《七色之旅》第86章


我理所当然的道:“睡觉也要留盏夜灯啊,黑漆漆的那么可怕怎睡得着?”
桑海·狼点亮蜡烛,室中泛起昏黄柔和的烛光。
我瞄瞄他穿的整整齐齐的黑色夜行衣黑色长袍,奇怪问道:“要出去吗?”
他摇头道:“习惯了,自小就穿这个睡觉。”
我想起他那狠心的爸爸,脱口道:“你父亲让的吗?”
他一愣,摇头道:“是狼窝的教习,成为好杀手的重要条件之一就是时刻保持警醒,睡觉的时候也要保持三分清醒随时准备进攻或撤退。”
我翻白眼道:“那样活着岂不是很累?”
他苦笑道:“总比糊里糊涂的就死了好些吧。”
我挑眉道:“咦,你也怕死吗?你不是一向打起架来不要命吗?”
他微愣道:“打架时不怕死,若无必要当然还是活着好啊,你不问我还真没有想过这问题。”
我得意道:“好好想吧,小伙!千古艰难唯一死,好死不如赖活着,从今以后好好珍惜生命吧!别动不动就拼命了。”左右撒摸想找个舒适的地坐下,歇一歇。可他这间卧室也比我那“闺房”好不到那去,除了床就一张方桌两把木椅,只是没毛刺罢了,坐多一会一样硌屁股。
我不管合不合理法,坐到他那张铺着被褥的大床上,就这还软和点。我放心大胆的隆高他的枕头,软软的靠在上面,他不同于水越·流银是个不懂儿女乐事的木纳君子,不会欺暗室。
他果然不知所措的站在地上,看着我毫不客气的窝到他的床上。
我好笑的看着他呆呆的样子,既无银狼的森冷敏锐也无桑海·狼的威风霸气,倒像个无辜的小男孩。我不禁逗他道:“不用怕,我不会强迫你的······哈······”自己忍不住笑出来。

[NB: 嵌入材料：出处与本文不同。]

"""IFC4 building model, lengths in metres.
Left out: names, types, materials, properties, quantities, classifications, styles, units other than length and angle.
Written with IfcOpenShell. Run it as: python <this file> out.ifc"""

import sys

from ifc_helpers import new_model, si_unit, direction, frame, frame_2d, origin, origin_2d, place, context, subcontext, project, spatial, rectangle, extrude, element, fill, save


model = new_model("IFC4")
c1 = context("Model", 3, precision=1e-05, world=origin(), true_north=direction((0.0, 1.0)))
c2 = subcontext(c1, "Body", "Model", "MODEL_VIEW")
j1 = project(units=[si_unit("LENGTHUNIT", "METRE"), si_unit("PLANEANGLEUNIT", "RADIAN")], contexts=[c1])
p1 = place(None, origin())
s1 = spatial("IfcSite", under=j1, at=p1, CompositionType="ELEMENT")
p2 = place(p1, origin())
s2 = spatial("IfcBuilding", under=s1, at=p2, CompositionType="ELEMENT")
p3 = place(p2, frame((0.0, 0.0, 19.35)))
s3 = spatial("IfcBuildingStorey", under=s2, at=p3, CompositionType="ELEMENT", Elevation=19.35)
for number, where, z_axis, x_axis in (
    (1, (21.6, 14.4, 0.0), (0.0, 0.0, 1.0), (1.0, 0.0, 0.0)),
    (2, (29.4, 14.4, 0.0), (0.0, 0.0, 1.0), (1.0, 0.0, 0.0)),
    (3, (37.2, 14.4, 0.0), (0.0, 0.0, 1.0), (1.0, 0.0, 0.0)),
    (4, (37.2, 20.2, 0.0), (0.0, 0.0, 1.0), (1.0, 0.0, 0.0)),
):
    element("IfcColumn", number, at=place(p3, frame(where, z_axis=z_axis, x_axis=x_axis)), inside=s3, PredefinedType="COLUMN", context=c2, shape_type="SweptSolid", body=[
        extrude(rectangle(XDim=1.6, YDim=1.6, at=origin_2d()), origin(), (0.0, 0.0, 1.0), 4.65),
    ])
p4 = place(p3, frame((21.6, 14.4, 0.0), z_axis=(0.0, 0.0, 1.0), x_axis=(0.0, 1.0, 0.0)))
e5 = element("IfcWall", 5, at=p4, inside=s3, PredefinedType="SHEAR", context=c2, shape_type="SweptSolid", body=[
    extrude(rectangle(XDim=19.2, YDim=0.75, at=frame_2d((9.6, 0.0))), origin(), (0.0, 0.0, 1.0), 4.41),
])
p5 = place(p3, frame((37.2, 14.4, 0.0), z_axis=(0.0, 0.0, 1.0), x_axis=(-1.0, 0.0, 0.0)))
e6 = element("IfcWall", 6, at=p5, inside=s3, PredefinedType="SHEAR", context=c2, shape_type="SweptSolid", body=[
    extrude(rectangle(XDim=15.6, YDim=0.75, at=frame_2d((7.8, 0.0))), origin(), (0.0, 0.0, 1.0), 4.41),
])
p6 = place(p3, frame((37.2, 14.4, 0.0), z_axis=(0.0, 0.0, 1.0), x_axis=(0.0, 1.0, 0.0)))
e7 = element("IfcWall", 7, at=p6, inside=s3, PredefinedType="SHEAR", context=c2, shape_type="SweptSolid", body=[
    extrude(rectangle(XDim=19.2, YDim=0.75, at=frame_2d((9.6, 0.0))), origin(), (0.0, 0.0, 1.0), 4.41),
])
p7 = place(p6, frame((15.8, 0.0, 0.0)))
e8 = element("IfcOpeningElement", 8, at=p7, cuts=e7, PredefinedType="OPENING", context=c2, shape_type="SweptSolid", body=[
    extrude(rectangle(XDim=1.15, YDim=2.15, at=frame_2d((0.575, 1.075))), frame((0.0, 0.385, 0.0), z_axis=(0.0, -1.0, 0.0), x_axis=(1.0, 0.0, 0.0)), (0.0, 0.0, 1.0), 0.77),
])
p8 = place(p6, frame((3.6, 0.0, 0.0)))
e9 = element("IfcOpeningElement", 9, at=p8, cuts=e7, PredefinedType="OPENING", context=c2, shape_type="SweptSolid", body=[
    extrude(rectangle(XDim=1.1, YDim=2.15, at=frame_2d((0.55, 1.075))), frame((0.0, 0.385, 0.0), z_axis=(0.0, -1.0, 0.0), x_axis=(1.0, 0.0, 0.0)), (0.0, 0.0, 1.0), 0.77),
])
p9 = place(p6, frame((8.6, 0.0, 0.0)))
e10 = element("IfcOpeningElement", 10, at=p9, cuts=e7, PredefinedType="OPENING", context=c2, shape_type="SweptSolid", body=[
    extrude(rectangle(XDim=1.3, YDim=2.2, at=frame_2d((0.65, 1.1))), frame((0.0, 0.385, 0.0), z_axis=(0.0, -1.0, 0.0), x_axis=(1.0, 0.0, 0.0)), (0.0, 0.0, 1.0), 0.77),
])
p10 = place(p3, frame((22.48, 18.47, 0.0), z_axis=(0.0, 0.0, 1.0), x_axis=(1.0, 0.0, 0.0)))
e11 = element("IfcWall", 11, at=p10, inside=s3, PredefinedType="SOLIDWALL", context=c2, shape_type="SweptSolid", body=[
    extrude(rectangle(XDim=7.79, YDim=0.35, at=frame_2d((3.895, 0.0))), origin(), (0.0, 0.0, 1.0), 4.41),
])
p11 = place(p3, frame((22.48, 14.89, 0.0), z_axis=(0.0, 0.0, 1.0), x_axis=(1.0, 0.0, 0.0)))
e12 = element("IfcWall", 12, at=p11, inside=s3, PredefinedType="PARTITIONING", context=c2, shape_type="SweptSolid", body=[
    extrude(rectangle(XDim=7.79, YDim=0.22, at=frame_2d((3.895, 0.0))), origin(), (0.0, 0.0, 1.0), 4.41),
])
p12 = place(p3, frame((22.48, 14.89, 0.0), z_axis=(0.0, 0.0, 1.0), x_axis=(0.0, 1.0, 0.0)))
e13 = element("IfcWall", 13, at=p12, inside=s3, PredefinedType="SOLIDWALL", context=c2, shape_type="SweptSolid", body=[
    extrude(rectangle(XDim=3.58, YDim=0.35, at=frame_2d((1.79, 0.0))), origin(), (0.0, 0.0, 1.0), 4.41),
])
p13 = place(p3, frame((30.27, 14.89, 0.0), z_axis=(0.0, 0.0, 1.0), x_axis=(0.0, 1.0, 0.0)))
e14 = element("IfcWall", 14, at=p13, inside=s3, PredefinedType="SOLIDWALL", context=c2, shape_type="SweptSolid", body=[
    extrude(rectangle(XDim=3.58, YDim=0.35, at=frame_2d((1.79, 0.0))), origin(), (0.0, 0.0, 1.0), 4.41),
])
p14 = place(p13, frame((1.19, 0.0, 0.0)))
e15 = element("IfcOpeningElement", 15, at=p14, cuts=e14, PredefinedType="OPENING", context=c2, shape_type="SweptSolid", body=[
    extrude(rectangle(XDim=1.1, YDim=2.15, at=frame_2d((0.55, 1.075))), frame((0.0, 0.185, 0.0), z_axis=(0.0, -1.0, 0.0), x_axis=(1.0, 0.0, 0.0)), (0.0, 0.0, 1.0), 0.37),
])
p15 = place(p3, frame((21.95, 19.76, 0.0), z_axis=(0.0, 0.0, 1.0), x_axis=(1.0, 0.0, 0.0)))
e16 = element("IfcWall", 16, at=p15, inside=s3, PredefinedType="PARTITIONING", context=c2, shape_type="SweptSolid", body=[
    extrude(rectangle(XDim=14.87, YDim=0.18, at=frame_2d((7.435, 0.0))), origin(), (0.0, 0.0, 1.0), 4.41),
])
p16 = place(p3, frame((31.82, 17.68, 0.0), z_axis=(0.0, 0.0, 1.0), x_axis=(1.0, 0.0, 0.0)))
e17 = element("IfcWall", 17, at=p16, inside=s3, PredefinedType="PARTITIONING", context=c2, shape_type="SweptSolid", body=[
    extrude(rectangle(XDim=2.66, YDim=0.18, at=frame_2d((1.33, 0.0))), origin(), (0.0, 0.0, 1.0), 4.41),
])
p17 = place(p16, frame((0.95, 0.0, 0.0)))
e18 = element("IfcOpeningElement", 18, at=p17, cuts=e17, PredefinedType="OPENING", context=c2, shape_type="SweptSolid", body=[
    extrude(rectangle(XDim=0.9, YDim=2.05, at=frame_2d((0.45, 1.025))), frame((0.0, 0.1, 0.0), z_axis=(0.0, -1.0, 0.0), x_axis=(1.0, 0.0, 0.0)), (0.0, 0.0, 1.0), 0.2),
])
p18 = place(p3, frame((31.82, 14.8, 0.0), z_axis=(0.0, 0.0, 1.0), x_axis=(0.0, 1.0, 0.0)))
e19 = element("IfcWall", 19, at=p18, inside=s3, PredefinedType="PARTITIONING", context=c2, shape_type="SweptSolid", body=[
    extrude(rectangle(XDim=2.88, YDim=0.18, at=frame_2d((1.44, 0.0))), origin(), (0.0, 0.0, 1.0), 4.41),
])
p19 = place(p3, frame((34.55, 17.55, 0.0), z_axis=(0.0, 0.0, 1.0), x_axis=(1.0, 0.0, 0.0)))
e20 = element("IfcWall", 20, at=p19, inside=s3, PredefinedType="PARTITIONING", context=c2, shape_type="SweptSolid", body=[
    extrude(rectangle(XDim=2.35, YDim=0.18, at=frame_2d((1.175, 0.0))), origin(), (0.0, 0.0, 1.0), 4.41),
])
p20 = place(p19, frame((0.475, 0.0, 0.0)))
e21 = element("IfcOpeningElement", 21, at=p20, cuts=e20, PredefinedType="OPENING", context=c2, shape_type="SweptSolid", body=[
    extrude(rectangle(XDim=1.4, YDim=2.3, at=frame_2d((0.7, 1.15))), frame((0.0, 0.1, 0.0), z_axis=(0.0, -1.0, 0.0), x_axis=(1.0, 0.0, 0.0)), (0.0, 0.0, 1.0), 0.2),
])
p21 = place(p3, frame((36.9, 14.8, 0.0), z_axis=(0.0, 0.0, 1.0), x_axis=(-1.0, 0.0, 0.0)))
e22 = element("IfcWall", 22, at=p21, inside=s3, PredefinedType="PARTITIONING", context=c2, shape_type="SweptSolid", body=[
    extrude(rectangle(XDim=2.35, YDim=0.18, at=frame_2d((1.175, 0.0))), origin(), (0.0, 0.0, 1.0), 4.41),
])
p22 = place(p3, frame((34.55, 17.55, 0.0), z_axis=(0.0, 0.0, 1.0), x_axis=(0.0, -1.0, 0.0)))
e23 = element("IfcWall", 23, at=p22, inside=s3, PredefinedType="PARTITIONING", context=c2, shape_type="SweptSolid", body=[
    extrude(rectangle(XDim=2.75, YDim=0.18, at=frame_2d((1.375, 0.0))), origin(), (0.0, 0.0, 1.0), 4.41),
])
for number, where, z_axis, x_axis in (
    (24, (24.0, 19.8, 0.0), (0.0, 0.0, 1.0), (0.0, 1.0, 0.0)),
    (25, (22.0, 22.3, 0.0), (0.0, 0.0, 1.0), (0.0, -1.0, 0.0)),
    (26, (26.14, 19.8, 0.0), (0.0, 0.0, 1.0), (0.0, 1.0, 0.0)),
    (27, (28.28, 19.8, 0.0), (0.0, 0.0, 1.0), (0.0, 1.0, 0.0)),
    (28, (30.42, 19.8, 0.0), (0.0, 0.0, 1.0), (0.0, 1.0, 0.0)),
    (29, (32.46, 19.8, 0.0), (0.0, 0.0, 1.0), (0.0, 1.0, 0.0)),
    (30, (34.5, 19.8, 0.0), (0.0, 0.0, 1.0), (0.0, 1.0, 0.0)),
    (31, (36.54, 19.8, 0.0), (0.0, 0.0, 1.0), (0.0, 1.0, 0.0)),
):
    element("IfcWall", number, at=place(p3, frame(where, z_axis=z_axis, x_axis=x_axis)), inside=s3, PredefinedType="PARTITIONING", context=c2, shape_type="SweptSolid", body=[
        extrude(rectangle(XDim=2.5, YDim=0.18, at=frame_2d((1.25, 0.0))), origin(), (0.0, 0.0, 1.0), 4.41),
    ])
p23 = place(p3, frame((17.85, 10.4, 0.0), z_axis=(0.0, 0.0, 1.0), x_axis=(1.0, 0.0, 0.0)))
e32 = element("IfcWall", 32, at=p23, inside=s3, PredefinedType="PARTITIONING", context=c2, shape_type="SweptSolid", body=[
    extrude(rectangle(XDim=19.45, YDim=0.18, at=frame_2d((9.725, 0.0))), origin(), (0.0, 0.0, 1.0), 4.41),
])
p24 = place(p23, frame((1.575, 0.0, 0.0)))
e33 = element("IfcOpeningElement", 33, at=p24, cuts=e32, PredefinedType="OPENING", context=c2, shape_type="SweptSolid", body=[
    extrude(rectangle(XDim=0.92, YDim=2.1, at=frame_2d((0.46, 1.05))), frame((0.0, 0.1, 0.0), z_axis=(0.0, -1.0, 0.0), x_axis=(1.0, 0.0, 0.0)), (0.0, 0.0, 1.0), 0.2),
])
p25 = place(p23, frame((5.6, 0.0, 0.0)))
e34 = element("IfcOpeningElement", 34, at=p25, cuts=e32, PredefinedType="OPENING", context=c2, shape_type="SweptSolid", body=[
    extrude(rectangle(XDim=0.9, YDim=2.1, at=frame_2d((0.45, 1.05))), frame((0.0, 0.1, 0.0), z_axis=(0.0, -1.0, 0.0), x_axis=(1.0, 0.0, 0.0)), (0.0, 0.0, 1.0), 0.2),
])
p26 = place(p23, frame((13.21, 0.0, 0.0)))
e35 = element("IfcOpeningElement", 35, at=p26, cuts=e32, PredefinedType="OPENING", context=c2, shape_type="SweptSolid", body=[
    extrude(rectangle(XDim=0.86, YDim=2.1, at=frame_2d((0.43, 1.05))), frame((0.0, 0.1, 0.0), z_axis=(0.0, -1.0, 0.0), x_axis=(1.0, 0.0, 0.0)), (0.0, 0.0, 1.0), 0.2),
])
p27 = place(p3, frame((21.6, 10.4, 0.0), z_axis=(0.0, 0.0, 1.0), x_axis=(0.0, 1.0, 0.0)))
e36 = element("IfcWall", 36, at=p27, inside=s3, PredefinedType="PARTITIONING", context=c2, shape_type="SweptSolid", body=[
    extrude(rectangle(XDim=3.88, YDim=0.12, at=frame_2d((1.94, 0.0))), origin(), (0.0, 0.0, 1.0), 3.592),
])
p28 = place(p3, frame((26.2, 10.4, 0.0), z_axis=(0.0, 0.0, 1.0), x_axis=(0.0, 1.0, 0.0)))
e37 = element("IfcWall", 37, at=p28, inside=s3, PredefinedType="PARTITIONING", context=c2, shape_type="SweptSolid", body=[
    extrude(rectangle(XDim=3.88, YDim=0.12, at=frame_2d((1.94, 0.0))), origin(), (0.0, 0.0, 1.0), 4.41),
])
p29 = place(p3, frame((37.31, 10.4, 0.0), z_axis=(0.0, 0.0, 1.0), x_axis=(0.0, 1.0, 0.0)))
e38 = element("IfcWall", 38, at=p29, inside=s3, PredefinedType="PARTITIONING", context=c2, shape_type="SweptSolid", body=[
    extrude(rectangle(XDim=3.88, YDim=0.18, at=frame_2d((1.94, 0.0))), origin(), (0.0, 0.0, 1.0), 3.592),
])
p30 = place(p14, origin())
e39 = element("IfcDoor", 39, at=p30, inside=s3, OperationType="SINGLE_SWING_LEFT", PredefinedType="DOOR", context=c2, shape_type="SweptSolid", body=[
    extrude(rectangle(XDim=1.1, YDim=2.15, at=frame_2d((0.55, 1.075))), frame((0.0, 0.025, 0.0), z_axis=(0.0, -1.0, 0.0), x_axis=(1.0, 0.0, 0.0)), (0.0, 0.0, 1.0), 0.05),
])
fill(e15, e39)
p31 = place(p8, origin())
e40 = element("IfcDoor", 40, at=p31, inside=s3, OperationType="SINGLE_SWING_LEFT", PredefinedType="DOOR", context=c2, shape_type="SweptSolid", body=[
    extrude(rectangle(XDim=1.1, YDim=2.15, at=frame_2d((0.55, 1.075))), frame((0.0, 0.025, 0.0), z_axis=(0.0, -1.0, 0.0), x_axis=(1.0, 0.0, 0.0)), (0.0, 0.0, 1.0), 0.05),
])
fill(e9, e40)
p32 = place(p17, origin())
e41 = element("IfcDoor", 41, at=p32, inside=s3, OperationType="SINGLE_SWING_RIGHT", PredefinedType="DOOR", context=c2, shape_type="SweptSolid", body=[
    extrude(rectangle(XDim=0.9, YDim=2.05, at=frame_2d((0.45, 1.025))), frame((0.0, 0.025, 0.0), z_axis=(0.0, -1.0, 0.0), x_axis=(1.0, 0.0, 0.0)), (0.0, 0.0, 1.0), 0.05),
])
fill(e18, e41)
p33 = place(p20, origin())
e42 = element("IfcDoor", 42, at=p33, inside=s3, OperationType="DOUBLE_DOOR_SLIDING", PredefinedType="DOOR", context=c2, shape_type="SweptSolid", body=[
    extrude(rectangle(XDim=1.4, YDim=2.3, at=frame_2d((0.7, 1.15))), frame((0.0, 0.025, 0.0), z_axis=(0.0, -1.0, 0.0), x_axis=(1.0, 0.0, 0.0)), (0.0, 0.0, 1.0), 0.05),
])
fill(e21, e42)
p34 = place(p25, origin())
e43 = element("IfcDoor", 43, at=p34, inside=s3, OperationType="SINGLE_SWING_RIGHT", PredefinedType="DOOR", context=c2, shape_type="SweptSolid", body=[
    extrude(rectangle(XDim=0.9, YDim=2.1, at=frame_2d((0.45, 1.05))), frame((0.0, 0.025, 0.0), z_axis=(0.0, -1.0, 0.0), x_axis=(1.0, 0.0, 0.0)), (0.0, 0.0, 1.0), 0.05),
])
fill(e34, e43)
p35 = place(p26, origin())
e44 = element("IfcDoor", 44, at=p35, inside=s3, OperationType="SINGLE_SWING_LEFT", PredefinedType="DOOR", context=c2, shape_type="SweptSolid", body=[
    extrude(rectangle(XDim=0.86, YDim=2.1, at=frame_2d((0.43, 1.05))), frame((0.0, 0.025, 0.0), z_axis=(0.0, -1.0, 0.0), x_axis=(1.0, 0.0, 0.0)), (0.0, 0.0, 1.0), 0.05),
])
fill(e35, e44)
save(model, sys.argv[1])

他无奈的叹气摇头,烛光映得银瞳出奇的柔和温暖,带着盈盈笑意的看着我。
我浑身酸软乏力的挨着床枕,舒服的长长叹了口气,眼睛轻眯真想就这样睡过去再不醒来。
桑海·狼轻声道:“琥珀,若事真不可为,那就算了别难为自己。我们已尽人事,剩下的就听天命吧。”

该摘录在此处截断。